In the competitive world of real estate, the traditional advice to agents is to spend hours on the phone dialing cold contacts to build a pipeline. However, Justin Nimergood, founder and leader of the Top Gun Team at Epique Realty in Southlake, TX, challenges this notion. He argues that cold calling is one of the most persistent inefficiencies in agent teams, pulling agents away from what he calls commission-generating activities (CGAs) — tasks that directly produce closed deals, such as showings, negotiations, and client consultations.
“When a lead is cold, they need to be warmed up again before we’re going to be able to have any real effect on them,” Nimergood says. The time spent on cold outreach could be better used on work that moves deals forward. For a team aiming to scale, every hour an agent spends on cold calls compounds into missed opportunities elsewhere.
To address this, Top Gun Team has partnered with Angel AI, a company providing an AI-supported call center staffed by human callers based in Dallas–Fort Worth. The model works by having the team submit a call list and a script, and the call center handles the outreach. What sets this service apart is a layer of “responsive AI” built into the process. Before calls are made, the AI scans publicly available data, including production records and online activity, to rank contacts by priority. The most promising prospects are called first and most frequently. After calls, the AI analyzes recorded conversations for buying signals and generates a report identifying which contacts showed genuine interest.

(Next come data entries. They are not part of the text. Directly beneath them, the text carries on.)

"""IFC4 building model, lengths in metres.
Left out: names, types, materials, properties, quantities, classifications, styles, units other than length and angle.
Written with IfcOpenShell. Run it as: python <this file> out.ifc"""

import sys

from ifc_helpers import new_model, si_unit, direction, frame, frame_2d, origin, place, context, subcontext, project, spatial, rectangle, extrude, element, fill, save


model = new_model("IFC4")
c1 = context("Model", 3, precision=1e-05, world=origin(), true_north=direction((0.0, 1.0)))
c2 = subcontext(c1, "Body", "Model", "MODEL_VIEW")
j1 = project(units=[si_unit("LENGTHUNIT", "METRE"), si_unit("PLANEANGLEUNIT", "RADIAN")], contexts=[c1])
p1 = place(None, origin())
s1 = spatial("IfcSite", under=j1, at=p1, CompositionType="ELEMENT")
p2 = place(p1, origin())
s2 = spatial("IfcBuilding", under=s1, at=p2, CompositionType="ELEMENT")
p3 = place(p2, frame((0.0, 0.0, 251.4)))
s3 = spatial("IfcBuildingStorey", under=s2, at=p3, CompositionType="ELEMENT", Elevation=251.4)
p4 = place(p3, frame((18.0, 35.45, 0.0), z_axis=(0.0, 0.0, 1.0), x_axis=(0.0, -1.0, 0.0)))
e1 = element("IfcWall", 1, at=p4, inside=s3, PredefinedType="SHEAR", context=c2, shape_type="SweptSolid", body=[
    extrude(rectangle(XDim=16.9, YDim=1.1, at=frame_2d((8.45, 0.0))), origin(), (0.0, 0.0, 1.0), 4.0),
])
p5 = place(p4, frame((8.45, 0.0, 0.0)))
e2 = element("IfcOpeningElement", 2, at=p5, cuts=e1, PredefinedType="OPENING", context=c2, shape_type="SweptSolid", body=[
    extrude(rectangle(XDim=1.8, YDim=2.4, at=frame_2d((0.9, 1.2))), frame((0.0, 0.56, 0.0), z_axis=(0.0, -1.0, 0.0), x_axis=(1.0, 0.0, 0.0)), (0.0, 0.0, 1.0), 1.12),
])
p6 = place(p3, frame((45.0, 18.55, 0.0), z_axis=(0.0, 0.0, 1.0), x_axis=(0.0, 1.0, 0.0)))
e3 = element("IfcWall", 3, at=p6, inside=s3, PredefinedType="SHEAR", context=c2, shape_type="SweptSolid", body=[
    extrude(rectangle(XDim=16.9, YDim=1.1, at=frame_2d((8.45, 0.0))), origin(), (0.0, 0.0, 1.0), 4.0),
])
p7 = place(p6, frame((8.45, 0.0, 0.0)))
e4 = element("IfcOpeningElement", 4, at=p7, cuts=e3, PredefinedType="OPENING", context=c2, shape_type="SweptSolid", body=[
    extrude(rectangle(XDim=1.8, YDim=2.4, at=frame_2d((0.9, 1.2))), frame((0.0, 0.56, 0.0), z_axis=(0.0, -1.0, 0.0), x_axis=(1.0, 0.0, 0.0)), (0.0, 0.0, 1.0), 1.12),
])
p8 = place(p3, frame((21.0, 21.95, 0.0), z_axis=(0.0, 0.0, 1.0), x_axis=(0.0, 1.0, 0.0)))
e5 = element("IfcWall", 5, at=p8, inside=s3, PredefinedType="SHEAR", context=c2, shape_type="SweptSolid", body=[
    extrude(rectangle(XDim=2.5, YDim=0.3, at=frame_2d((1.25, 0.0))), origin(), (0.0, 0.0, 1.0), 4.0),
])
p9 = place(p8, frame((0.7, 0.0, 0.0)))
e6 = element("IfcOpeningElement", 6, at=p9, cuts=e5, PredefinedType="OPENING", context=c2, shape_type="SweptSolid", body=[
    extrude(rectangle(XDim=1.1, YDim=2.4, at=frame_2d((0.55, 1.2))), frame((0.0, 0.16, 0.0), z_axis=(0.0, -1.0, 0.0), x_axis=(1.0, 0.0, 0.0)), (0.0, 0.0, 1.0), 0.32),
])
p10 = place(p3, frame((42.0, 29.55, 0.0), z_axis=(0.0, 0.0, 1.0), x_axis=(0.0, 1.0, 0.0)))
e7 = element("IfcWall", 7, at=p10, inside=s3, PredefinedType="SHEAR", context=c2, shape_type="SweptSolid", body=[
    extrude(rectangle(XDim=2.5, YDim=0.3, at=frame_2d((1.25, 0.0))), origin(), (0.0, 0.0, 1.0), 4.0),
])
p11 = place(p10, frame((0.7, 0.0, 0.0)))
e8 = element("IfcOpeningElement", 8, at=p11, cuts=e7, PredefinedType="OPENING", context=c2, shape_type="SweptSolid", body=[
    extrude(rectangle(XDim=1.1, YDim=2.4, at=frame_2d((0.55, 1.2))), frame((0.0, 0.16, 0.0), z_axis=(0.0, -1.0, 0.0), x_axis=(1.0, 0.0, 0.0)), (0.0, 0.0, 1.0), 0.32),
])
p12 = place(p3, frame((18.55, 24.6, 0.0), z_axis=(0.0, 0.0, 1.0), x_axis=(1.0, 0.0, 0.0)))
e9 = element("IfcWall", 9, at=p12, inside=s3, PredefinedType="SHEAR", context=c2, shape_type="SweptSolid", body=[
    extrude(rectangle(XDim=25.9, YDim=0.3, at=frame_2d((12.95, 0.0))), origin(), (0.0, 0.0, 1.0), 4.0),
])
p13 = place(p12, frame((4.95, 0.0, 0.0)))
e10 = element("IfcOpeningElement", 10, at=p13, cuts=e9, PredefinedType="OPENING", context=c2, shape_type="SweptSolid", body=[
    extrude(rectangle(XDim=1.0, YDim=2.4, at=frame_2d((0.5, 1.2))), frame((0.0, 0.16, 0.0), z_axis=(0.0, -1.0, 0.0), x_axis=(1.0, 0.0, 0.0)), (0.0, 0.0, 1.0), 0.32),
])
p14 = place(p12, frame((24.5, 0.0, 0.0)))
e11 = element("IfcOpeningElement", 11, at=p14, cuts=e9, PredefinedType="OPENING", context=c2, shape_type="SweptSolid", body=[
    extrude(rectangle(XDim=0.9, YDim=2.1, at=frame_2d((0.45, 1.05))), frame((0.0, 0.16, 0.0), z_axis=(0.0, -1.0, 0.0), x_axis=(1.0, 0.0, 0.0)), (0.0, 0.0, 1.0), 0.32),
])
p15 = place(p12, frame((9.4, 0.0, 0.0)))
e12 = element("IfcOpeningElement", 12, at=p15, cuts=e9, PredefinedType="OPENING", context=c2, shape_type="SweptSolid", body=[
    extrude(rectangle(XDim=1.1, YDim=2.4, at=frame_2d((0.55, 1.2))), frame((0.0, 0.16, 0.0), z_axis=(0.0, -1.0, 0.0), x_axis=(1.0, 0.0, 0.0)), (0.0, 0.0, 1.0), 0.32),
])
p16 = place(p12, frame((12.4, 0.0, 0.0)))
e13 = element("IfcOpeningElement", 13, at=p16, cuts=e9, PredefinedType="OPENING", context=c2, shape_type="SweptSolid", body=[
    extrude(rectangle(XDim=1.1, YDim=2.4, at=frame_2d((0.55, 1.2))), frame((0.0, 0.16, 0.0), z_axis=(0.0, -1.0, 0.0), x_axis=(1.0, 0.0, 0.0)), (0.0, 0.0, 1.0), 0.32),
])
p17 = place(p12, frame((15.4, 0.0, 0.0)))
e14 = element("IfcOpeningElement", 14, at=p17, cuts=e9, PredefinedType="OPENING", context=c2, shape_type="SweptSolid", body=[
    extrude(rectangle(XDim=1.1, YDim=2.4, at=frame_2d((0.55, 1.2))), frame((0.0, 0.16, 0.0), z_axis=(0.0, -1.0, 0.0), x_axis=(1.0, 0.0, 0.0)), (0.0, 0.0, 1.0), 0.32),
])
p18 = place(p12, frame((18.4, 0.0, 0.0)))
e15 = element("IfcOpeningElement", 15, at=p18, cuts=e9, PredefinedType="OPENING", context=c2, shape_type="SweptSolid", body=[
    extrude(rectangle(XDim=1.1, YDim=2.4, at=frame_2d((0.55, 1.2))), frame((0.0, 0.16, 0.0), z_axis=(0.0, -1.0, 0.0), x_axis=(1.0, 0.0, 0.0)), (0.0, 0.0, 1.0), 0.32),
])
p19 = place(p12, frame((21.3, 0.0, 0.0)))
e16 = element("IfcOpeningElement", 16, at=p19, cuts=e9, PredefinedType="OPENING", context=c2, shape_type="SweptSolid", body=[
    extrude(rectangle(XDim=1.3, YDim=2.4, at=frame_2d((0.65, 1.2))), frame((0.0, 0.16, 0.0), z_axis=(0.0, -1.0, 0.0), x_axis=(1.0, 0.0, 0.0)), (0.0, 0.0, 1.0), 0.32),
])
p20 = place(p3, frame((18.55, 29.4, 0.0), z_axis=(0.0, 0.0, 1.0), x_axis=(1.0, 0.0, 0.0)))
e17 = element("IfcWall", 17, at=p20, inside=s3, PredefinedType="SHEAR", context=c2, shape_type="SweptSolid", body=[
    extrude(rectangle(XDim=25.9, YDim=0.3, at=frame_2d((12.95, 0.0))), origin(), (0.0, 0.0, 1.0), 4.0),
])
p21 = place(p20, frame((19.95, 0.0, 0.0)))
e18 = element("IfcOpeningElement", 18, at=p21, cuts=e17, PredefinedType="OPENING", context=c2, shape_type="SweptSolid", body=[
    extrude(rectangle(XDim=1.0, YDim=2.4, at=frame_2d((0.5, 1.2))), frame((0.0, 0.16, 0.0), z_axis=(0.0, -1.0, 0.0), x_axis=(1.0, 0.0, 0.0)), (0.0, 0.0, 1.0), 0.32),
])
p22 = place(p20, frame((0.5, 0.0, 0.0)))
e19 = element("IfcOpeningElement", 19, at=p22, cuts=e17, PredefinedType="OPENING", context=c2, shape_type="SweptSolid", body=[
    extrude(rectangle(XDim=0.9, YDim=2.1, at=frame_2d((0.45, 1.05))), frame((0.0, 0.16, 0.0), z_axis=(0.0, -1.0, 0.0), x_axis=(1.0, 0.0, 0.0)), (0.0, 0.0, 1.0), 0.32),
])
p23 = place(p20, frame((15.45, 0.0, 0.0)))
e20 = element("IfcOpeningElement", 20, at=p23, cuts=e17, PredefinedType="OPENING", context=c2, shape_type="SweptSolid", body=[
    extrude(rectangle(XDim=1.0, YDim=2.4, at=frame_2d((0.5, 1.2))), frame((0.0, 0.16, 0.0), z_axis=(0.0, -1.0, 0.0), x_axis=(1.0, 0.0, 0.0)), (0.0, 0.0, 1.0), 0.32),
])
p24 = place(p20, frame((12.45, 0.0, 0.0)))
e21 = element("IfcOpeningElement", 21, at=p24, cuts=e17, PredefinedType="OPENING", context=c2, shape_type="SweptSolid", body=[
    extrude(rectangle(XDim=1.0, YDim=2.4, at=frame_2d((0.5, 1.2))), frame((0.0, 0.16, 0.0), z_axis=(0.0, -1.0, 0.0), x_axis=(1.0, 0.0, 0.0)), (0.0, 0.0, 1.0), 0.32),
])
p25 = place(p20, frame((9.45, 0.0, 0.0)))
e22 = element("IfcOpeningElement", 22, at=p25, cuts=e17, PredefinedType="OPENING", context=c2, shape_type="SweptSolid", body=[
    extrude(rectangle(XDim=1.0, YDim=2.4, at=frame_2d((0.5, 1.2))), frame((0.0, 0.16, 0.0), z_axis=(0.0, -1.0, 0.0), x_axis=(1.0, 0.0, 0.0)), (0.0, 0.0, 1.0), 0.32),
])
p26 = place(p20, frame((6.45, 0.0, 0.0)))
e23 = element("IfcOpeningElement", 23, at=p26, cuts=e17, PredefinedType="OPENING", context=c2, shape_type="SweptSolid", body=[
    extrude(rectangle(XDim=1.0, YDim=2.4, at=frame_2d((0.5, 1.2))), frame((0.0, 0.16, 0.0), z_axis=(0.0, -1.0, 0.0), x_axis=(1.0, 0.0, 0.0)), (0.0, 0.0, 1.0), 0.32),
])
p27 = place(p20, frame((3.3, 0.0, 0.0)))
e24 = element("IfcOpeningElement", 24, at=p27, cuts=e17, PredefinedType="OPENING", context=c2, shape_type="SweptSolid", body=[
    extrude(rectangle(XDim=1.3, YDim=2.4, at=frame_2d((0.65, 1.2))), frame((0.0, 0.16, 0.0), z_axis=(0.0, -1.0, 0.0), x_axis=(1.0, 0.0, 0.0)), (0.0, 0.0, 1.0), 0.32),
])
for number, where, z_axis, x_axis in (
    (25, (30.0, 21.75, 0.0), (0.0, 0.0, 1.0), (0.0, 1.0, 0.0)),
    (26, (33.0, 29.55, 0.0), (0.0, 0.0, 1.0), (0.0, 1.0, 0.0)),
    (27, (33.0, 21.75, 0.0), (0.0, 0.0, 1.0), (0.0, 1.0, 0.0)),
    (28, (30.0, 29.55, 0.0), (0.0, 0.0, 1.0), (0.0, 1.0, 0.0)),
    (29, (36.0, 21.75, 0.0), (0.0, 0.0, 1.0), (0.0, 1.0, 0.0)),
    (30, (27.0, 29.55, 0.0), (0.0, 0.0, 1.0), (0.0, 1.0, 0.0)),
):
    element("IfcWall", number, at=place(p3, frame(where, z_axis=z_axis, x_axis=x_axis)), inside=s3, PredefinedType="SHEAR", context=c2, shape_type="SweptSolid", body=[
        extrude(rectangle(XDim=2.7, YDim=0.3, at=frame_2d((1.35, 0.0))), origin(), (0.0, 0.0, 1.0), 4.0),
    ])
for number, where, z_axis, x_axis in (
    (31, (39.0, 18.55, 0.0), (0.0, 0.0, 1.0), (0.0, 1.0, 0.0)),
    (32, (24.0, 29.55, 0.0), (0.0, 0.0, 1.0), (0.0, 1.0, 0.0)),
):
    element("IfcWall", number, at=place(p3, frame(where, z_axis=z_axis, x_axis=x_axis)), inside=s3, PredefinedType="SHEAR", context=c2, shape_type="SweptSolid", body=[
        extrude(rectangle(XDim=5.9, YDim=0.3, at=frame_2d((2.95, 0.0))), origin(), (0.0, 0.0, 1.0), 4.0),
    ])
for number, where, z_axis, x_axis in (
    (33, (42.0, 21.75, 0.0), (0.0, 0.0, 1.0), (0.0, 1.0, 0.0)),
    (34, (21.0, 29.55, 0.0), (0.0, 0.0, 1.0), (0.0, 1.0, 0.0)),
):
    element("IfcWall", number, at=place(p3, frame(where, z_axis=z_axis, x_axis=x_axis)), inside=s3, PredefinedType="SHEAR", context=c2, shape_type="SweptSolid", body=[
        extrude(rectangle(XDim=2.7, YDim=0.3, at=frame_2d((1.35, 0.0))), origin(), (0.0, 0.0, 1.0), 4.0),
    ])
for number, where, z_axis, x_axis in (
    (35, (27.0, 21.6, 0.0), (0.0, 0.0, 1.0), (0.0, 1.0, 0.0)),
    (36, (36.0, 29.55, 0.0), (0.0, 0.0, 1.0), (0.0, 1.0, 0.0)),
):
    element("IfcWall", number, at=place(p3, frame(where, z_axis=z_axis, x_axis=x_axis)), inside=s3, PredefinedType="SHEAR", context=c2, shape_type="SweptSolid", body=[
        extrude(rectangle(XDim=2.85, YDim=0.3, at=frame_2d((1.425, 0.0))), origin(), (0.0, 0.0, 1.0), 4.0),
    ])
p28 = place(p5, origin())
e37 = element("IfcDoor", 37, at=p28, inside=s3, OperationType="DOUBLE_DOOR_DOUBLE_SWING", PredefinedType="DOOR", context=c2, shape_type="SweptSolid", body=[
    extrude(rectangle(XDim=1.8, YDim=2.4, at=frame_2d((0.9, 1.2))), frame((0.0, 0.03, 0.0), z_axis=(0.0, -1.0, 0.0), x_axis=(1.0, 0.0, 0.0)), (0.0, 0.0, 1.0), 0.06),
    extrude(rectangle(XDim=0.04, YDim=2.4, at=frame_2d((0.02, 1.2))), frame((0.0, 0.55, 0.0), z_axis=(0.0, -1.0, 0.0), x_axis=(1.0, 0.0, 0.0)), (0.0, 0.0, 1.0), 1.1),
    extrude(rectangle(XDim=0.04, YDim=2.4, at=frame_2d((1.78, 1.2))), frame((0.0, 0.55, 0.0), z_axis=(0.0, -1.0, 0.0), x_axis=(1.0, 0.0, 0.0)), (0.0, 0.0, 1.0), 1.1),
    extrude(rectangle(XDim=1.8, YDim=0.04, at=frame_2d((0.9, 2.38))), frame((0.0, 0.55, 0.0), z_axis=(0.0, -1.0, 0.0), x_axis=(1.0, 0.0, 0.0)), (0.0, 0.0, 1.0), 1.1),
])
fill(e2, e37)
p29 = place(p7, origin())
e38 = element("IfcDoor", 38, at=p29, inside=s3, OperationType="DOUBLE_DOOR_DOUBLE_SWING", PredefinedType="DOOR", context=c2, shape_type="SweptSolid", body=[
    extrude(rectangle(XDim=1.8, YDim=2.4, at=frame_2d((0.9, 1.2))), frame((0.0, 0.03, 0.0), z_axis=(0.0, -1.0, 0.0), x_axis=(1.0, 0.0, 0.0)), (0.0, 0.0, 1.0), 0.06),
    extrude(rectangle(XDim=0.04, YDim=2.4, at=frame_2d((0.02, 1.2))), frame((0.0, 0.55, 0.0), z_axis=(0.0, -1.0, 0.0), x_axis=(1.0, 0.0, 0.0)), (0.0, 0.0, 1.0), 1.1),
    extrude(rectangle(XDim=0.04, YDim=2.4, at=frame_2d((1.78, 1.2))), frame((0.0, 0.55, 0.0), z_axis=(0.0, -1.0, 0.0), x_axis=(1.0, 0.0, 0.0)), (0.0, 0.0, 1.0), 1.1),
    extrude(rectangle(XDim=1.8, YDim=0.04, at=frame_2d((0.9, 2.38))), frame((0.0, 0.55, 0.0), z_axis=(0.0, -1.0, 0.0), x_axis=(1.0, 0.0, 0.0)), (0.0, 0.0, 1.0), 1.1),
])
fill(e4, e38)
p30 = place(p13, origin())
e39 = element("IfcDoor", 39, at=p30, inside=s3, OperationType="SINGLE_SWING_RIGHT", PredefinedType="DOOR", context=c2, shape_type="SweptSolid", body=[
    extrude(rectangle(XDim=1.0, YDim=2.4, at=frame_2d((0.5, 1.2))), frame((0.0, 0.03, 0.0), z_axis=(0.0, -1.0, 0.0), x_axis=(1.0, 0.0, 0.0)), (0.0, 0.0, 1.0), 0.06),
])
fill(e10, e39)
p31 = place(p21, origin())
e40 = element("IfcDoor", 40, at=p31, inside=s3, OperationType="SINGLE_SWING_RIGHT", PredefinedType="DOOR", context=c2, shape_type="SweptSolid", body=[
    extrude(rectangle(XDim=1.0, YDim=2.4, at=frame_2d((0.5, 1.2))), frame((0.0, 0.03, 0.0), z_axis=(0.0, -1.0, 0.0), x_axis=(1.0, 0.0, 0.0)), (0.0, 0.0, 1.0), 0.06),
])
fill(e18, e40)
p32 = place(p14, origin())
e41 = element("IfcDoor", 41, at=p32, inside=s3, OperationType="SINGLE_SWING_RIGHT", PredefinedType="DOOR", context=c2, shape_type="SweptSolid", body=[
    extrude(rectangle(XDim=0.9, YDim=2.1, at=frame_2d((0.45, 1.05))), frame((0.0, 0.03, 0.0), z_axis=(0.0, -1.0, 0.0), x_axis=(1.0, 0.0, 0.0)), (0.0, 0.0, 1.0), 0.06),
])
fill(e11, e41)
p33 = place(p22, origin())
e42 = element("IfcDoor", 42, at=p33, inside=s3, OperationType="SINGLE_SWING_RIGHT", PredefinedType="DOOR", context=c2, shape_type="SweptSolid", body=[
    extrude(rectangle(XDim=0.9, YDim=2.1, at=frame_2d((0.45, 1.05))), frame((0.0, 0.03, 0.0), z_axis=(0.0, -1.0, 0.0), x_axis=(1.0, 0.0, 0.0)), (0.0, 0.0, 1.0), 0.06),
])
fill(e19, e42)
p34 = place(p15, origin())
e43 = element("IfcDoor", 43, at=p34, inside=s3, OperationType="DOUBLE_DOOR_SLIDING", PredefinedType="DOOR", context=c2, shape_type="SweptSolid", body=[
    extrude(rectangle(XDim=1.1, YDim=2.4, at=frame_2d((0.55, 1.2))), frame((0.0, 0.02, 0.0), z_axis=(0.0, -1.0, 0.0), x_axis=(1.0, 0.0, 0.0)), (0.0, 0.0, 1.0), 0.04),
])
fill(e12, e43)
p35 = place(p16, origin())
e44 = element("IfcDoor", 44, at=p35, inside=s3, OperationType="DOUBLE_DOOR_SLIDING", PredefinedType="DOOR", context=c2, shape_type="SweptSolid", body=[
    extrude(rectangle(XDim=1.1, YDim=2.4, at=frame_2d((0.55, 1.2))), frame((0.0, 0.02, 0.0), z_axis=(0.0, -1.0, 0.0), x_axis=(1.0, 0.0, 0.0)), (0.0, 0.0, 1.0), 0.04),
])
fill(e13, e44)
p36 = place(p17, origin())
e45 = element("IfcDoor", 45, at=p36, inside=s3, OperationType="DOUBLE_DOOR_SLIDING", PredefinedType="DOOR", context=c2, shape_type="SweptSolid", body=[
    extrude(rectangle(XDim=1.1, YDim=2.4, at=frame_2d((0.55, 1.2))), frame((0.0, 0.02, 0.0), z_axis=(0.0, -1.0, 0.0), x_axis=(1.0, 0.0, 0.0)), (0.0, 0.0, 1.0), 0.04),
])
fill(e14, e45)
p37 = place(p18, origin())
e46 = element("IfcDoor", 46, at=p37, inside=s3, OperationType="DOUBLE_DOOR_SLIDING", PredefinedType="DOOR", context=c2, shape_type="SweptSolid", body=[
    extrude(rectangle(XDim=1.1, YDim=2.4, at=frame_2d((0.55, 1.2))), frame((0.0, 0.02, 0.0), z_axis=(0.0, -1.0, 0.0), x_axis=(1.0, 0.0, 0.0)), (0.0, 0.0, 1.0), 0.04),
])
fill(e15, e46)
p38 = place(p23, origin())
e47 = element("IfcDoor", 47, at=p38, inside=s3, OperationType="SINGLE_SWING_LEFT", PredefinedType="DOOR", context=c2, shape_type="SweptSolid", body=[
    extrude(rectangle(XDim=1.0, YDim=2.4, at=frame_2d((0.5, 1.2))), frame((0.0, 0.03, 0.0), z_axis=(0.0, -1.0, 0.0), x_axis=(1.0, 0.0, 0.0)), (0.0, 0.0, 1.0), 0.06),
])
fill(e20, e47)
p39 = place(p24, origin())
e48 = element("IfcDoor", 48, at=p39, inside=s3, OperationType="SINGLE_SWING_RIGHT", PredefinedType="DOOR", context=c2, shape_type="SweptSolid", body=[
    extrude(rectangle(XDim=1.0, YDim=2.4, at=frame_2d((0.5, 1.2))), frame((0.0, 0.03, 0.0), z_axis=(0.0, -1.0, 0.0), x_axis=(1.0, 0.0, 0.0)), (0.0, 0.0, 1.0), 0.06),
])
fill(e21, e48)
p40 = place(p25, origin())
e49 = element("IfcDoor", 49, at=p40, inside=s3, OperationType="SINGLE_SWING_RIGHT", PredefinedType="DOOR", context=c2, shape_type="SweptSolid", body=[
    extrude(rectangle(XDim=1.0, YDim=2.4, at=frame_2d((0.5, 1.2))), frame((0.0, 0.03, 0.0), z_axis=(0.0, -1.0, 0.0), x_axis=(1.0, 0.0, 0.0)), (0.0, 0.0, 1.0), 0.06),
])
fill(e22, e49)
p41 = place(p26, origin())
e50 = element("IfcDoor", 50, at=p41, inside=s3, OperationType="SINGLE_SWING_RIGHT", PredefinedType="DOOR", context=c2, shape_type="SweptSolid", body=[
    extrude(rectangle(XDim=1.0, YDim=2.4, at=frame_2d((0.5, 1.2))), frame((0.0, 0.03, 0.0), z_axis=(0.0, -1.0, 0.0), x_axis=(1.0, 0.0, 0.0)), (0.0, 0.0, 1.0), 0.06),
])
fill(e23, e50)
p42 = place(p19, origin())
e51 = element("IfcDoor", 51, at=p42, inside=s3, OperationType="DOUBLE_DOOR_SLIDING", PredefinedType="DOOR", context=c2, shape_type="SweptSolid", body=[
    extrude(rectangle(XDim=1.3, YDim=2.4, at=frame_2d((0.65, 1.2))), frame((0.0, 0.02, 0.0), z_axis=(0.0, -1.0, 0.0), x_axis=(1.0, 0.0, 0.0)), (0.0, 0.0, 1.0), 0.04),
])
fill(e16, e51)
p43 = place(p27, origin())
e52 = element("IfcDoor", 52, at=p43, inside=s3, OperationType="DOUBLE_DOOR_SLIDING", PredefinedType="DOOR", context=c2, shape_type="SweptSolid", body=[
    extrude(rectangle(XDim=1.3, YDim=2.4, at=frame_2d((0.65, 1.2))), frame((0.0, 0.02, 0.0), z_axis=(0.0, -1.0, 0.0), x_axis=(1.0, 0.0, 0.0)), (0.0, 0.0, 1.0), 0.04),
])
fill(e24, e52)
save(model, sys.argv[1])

Nimergood describes the output: of 100 people called, perhaps 10 answer, and of those, the system identifies five as priority leads based on conversational cues. Agents receive this filtered list rather than sorting through raw call logs themselves. The reporting layer is the most operationally valuable part, as it surfaces information automatically, allowing agents to focus personal outreach on contacts who have already demonstrated engagement.
The call center model also removes contacts from the pipeline entirely. When AI analysis indicates a prospect is no longer in the market, that contact is archived rather than recycled. “It lets us know if they’re no longer in the market for a home,” Nimergood says. “Then we take them out of our funnel, or we archive them. The point is, we don’t waste our time with initiatives that are not productive.” This improves the signal-to-noise ratio in the team’s pipeline, giving agents a smaller, more accurate list rather than a bloated database full of dead numbers.
Nimergood is deliberate about one aspect: the callers are human and based in Texas. He acknowledges that fully automated AI voice calling exists and may have a place eventually, but says the technology isn’t ready for deployment at scale. “I think that will have a place, but not quite yet,” he says. He also notes that outsourcing to international call centers introduces a perception problem. “People stereotype. They just do, and so the more we can minimize that, the better.” The domestic, human-caller model threads a needle between full automation and in-house agent calling, addressing both reputational risk and opportunity cost.
Top Gun Team’s use of Angel AI illustrates how agent teams are beginning to treat outreach infrastructure as a distinct operational layer, separate from the work agents do once a lead is warm. Nimergood applies this principle broadly: agents focus on CGAs while support systems handle lower-value tasks. “If they want to be top-producing agents, they have to minimize their administrative time, and they have to maximize their CGA time,” he says. For teams managing growing lead volumes, the ability to process and triage large numbers of contacts without burdening agents determines whether adding more leads translates into more closed deals or just more unanswered calls.